На шум выглянул Курицын.

— Отставить! Оставьте господина Ковшова в покое! — крикнул он полицаям.

— Как оставить? Вы же приказали по выходе от вас хватать его — и в камеру, — оторопело сказал старший.

— Дурак! Приказа не было! Пошли вон, кретины! Господин Ковшов, извините дураков — печальное недоразумение.

Ковшов, не вдаваясь в объяснения, вышел из полицейского управления и направился в комендатуру: нужно было немедленно поставить в известность Симонову о том, что справка предъявлена.

Симонова не удивилась сообщению Ковшова.

— Все ясно. Бочкаров просится на прием к майору: они все-таки решили добиться своего.

— Вам не грозят неприятности? — встревожился Ковшов. — Бочкаров встретится с комендантом, а содержания предъявленной мной бумаги, я полагаю, господин Бооль не знает, хотя и подписал ее.

— Он же по-русски ни бе ни ме не понимает… Будьте спокойны, господа из городской управы не будут приняты майором.

Когда бургомистр явился в приемную коменданта, Симонова сообщила ему, что майор Бооль очень занят и никого не принимает.

— Но, госпожа Симонова, мне необходима срочно хотя бы пятиминутная аудиенция. Я очень прошу.

— Если настаиваете, я доложу господину коменданту.

— Понимаете, мы решили снять Ковшова с работы в Красном Кресте и арестовать. Он ловко замаскировавшийся большевик. Чем они там занимаются — можно предполагать. А у него на руках документ от господина коменданта. В нем сказано, что Ковшова нельзя снять с работы в больнице без ведома господина коменданта…

— Я поняла вас, господин бургомистр. Буду докладывать почту — сообщу господину коменданту ваше дело и передам просьбу об аудиенции.

Бургомистр ушел. Часа через два Симонова позвонила ему по телефону:

— Господин бургомистр, комендант майор Бооль не сможет вас принять ни сегодня, ни завтра. В отношении смены главного врача он просил передать вам: пусть все остается как было. До свидания, господин бургомистр.

А жизнь шла своим чередом. Деревья в садах около маленьких домиков еще недавно были унизаны плодами. Теперь редко где увидишь яблочко на ветке. Урожай убран, но воздух все еще настоян на крепком яблочном аромате.

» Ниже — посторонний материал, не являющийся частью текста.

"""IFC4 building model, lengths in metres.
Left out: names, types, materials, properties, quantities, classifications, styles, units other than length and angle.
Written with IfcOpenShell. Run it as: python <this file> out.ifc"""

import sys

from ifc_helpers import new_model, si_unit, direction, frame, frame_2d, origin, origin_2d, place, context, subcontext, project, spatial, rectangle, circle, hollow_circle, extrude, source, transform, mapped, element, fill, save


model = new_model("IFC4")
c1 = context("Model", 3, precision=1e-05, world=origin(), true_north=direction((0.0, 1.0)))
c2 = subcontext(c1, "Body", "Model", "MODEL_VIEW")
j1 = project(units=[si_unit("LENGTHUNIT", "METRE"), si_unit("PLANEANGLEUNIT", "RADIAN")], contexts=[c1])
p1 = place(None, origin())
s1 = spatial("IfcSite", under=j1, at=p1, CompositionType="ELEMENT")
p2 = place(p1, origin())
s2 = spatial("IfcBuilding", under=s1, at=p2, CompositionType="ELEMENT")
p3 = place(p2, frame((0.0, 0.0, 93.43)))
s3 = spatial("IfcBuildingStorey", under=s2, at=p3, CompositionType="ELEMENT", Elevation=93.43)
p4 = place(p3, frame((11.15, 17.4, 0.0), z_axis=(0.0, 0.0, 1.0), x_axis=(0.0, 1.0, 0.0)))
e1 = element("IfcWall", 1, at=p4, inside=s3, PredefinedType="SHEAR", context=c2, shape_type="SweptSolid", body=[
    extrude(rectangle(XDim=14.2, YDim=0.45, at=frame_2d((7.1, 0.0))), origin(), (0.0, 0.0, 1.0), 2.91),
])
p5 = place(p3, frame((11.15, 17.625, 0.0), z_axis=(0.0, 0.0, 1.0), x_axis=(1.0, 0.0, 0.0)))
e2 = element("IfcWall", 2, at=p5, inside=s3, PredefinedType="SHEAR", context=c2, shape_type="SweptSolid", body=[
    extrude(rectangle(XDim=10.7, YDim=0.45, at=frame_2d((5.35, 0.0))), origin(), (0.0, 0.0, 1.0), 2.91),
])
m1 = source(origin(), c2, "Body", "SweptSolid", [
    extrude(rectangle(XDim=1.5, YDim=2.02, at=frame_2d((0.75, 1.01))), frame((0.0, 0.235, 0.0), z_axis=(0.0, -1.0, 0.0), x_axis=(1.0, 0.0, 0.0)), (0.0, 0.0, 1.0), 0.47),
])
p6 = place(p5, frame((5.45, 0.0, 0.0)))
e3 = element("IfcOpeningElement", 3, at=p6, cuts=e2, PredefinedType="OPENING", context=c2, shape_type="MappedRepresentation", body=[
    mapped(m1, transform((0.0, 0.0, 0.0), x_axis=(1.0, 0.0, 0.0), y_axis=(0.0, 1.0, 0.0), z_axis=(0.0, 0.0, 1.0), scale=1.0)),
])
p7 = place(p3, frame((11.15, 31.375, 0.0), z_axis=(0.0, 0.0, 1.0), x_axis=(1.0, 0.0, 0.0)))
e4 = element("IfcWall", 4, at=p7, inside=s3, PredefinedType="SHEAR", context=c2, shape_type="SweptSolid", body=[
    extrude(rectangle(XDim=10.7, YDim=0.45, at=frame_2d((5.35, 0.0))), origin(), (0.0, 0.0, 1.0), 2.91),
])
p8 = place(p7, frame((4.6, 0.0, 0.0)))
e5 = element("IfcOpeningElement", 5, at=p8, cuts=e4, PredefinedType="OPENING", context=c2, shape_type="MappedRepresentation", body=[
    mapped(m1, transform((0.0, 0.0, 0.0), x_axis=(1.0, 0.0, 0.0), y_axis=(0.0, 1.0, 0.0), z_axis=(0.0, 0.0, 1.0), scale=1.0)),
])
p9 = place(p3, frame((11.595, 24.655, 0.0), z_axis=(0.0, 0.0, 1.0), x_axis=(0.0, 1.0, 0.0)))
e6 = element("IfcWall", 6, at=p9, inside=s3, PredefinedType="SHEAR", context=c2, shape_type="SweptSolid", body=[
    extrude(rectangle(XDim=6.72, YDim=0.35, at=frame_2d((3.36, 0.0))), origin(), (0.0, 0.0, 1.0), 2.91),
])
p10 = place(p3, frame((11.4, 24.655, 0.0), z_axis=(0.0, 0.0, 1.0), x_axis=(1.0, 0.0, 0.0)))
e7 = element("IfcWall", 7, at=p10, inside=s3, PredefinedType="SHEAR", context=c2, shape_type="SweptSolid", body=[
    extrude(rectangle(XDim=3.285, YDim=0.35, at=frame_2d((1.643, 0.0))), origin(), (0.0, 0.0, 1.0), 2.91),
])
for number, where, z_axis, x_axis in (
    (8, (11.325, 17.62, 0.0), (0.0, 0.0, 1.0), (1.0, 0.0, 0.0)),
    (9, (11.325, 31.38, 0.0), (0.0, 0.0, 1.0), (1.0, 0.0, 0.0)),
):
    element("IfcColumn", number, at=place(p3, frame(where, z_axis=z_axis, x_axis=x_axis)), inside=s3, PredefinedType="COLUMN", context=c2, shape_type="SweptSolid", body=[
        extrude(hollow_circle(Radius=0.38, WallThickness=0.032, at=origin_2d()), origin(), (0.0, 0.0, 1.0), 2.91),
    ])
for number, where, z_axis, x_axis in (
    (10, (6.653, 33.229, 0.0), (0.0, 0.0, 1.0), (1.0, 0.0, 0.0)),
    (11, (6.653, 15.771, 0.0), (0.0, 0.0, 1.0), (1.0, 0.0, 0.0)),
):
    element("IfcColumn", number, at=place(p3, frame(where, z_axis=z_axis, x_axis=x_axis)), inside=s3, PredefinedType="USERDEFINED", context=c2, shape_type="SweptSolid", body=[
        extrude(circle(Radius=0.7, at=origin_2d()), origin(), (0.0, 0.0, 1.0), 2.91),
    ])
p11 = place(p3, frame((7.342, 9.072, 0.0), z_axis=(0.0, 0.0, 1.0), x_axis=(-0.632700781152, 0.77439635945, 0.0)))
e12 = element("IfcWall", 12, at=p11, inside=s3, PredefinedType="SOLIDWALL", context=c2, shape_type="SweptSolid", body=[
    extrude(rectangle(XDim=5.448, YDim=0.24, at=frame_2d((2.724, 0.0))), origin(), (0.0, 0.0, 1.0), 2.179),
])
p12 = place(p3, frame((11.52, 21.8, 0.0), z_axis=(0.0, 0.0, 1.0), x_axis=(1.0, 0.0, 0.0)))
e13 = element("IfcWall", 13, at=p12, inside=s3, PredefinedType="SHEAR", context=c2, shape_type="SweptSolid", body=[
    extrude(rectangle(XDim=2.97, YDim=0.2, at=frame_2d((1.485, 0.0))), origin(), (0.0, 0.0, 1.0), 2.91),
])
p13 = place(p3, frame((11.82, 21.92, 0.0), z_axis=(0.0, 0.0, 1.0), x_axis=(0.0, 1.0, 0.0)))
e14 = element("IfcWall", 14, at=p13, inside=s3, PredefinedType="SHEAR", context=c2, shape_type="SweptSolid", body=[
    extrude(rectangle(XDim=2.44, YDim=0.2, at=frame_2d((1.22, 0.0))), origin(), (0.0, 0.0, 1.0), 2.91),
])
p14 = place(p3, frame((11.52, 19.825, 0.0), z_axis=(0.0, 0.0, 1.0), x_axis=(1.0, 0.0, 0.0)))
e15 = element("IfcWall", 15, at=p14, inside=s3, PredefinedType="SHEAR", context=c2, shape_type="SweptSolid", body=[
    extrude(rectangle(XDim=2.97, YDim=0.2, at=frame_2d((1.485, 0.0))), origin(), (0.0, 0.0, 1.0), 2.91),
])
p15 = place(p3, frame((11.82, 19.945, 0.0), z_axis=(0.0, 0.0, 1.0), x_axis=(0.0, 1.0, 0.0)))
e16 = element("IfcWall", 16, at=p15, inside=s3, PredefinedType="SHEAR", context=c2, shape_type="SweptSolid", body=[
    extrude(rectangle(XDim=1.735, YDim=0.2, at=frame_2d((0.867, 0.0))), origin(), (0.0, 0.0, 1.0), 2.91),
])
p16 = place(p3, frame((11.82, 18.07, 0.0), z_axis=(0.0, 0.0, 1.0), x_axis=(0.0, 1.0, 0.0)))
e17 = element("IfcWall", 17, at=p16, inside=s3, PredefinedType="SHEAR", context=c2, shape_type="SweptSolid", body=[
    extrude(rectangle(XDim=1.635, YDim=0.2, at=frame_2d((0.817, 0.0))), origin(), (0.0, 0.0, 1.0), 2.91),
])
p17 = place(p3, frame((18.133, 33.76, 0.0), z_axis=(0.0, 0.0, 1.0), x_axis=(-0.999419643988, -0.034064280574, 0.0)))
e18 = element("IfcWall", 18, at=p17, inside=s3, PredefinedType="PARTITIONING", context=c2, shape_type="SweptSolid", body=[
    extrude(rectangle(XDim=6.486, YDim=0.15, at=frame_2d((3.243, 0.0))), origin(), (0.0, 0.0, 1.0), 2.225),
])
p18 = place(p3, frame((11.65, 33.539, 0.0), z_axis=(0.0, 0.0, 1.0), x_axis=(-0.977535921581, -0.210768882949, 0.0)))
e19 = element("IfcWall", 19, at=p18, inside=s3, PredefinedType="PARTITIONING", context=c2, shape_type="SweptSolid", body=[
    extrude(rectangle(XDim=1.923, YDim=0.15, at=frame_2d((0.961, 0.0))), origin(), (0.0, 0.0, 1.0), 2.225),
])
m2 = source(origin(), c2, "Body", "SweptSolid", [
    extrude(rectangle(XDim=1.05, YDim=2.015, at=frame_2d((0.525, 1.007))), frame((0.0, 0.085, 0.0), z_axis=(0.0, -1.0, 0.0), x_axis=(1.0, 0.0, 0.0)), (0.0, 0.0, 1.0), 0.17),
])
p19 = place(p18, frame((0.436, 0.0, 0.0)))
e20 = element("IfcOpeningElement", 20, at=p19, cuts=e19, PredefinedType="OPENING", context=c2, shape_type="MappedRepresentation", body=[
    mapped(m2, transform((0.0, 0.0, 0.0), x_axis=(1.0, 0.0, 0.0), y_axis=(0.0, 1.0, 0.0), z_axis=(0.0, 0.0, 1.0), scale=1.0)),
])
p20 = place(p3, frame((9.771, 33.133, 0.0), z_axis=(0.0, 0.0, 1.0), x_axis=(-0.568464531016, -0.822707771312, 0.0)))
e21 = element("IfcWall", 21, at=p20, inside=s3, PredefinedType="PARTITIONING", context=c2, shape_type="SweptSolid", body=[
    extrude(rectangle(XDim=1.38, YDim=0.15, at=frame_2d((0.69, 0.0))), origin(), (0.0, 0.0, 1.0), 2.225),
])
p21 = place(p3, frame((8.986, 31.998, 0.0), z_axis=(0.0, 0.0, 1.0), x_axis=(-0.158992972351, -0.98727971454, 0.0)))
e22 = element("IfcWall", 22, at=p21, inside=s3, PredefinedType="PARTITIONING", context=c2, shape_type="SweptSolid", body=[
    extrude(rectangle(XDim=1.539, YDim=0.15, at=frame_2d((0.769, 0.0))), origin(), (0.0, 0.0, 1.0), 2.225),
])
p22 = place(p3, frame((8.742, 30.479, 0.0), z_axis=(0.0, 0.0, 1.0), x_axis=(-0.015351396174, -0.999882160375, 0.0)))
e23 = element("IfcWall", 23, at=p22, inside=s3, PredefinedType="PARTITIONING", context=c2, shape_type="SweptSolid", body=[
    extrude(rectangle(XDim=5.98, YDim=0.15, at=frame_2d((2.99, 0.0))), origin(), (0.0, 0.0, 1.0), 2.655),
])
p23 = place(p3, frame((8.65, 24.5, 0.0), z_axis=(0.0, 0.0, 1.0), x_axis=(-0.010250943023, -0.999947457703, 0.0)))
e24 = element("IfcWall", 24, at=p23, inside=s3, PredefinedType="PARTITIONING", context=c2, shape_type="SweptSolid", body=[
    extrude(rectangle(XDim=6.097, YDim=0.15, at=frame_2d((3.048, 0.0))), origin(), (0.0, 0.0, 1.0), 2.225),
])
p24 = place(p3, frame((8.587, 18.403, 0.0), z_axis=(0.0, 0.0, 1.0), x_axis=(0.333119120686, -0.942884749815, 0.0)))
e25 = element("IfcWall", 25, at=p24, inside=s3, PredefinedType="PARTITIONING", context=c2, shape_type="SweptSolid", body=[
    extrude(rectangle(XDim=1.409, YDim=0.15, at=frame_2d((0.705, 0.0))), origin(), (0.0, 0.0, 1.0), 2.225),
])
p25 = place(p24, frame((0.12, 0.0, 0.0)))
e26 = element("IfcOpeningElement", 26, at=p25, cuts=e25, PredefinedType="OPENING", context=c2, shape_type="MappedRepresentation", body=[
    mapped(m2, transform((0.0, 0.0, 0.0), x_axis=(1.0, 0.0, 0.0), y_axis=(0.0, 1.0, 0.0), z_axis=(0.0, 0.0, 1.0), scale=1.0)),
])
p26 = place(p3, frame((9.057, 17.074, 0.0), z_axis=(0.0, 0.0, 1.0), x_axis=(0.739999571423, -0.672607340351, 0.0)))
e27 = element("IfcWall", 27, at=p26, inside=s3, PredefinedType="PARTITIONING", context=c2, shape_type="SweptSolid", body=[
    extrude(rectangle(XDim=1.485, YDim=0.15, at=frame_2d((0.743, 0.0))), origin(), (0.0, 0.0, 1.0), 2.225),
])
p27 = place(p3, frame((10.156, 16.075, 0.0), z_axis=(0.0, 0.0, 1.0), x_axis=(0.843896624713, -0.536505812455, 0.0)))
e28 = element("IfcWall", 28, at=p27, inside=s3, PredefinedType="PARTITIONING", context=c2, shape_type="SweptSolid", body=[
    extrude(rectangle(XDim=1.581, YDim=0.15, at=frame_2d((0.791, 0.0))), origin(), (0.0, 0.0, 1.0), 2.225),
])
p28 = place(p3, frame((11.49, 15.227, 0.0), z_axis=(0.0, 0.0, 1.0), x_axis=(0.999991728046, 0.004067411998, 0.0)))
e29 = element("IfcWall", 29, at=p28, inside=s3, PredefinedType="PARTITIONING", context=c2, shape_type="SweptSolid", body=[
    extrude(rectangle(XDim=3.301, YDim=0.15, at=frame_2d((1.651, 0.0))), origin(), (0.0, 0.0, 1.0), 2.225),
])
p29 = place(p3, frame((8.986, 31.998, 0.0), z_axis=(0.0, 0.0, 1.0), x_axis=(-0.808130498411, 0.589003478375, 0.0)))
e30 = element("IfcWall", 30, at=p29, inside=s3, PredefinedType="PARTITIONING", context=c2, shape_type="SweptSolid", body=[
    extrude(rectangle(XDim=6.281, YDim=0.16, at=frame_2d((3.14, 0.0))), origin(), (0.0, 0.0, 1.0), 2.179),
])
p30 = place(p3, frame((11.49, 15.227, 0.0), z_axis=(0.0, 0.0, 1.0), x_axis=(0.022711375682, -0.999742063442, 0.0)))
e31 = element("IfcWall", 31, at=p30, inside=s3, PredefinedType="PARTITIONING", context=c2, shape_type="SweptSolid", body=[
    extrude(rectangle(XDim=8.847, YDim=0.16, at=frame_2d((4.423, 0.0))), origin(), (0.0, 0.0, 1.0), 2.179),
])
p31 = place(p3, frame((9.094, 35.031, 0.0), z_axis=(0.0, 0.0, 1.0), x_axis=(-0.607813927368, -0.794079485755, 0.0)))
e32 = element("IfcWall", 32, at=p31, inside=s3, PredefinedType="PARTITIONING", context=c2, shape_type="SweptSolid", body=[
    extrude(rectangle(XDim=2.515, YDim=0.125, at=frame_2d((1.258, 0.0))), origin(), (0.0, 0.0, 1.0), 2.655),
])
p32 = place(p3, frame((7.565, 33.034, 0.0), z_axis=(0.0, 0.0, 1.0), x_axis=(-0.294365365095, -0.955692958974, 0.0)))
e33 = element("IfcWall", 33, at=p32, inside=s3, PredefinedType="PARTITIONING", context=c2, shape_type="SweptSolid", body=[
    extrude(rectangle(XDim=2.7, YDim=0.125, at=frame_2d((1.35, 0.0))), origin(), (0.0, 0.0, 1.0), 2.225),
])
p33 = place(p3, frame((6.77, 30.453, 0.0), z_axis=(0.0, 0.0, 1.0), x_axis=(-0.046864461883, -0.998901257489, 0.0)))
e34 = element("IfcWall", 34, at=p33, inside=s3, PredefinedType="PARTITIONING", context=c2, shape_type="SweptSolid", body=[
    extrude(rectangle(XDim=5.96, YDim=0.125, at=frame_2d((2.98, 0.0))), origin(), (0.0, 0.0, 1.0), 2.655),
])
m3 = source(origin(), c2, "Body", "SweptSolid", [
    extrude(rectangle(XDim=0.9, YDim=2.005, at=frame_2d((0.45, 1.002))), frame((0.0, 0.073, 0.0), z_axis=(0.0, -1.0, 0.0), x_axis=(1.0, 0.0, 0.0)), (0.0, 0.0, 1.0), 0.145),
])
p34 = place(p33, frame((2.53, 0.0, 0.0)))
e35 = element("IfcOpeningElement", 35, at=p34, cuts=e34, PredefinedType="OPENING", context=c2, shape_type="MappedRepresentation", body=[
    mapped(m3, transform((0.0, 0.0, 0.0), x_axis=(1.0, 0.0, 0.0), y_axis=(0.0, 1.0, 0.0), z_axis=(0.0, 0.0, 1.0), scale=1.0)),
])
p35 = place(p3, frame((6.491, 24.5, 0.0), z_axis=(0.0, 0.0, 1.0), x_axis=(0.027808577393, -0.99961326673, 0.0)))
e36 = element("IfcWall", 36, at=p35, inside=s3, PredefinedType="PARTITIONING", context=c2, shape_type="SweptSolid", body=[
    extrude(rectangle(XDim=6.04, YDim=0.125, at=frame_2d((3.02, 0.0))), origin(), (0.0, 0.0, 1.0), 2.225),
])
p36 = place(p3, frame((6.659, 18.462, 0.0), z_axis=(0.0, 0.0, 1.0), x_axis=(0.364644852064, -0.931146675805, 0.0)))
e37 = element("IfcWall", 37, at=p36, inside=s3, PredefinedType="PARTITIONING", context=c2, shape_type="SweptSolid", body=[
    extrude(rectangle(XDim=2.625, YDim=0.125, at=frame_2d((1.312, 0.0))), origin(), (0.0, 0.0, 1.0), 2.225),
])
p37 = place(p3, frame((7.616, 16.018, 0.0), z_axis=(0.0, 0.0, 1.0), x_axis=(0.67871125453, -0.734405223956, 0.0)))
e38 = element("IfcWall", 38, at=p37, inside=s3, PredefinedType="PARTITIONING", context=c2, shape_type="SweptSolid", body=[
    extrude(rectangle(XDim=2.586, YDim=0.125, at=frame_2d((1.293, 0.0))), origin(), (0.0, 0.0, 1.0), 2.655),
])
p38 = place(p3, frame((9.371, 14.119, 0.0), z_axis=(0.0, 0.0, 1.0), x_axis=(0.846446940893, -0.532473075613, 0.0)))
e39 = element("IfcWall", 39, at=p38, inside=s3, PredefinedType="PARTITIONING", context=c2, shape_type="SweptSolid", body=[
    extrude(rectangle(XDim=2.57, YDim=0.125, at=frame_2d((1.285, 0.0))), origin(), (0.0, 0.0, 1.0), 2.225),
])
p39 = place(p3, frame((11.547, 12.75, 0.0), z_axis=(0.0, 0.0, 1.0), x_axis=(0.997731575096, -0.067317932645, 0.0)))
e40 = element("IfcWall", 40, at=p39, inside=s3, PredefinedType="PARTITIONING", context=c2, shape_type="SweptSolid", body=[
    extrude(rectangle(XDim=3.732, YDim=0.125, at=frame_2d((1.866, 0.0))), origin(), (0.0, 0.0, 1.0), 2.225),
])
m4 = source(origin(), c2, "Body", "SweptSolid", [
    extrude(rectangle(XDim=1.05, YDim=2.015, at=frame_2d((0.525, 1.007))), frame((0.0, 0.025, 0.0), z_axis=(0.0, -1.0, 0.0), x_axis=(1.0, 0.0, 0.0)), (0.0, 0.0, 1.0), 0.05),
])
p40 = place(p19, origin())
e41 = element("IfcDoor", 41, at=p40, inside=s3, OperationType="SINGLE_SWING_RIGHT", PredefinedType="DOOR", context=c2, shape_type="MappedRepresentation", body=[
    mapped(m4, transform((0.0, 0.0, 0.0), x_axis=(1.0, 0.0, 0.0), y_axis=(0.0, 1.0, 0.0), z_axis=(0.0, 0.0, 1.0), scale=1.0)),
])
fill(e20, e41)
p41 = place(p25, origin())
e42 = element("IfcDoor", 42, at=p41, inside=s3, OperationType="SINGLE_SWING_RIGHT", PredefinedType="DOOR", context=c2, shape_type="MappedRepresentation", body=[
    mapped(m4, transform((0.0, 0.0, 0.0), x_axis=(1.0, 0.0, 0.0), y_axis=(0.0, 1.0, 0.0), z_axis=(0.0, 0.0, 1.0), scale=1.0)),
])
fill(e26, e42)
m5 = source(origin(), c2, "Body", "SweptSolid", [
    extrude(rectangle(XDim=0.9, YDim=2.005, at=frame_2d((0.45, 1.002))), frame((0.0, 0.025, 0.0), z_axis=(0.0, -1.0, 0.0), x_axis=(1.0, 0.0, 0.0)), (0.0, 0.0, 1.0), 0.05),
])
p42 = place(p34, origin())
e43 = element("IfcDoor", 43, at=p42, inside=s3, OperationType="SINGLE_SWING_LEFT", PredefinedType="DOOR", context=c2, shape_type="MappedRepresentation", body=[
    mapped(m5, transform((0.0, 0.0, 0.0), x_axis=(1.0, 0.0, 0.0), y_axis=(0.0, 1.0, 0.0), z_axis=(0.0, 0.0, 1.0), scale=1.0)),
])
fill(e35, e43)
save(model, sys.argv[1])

Чеботарев чувствовал себя плохо, но не прекращал своих обходов. Часто садился отдыхать на скамейках около домов. Раньше на этих лавочках всегда — и днем и вечером — сидели женщины. Теперь улицы пусты, как будто большая жесткая метла прошлась по ним и вымела всех. Но жизнь продолжалась, только не на виду. Вот торопливо пробежала женщина. Вот мальчишка вышел за ворота, быстро стрельнул глазами вправо, влево и скрылся. Потом сразу же вышел на улицу мужчина с рукой, прижатой к груди. Размахивая другой, он быстро прошмыгнул через улицу и исчез в калитке напротив… По улице идет женщина с раздувшейся кошелкой, из которой торчат перья зеленого лука. Чеботарев всматривается в нее, безошибочно определяет, что под луком — стерильный материал для перевязки: медсестра обходит раненых. Чеботарев не здоровается с ней, да и она равнодушным взглядом скользнула по нему и безмолвно прошла дальше…

С некоторых пор Чеботарев садился отдыхать чаще, чем требовалось. Садился, посасывая погасшую трубку, прикрывал глаза, как в дремоте. Он заметил, что на улицах стали появляться какие-то подозрительные люди. Ходили они не спеша, вразвалочку, загребая ногами дорожную пыль. Казалось, безучастные ко всему, они тем не менее зорко осматривали улицу, дома, тех прохожих, что встречались им. Чеботарев не раз наблюдал, как и его самого изучающе рассматривали.

«Чьи эти ищейки? Гестапо или полиции? — думал Чеботарев. Потом решил: — Как будто важно — чьи… Вражеские».

Наблюдая несколько дней, Чеботарев убедился, что одни и те же улицы «вынюхивает» один и тот же человек. Очевидно, они закреплены за участками. Значит, надо срочно менять систему обслуживания больных на дому.

Чеботарев побывал у врачей, предупредил всех. Договорились, что только раз в неделю врач или сестра появится на улице. Дома, где больные могут незаметно собраться группой в несколько человек, должны быть известны, надо сообщить раненым время посещения врача или сестры.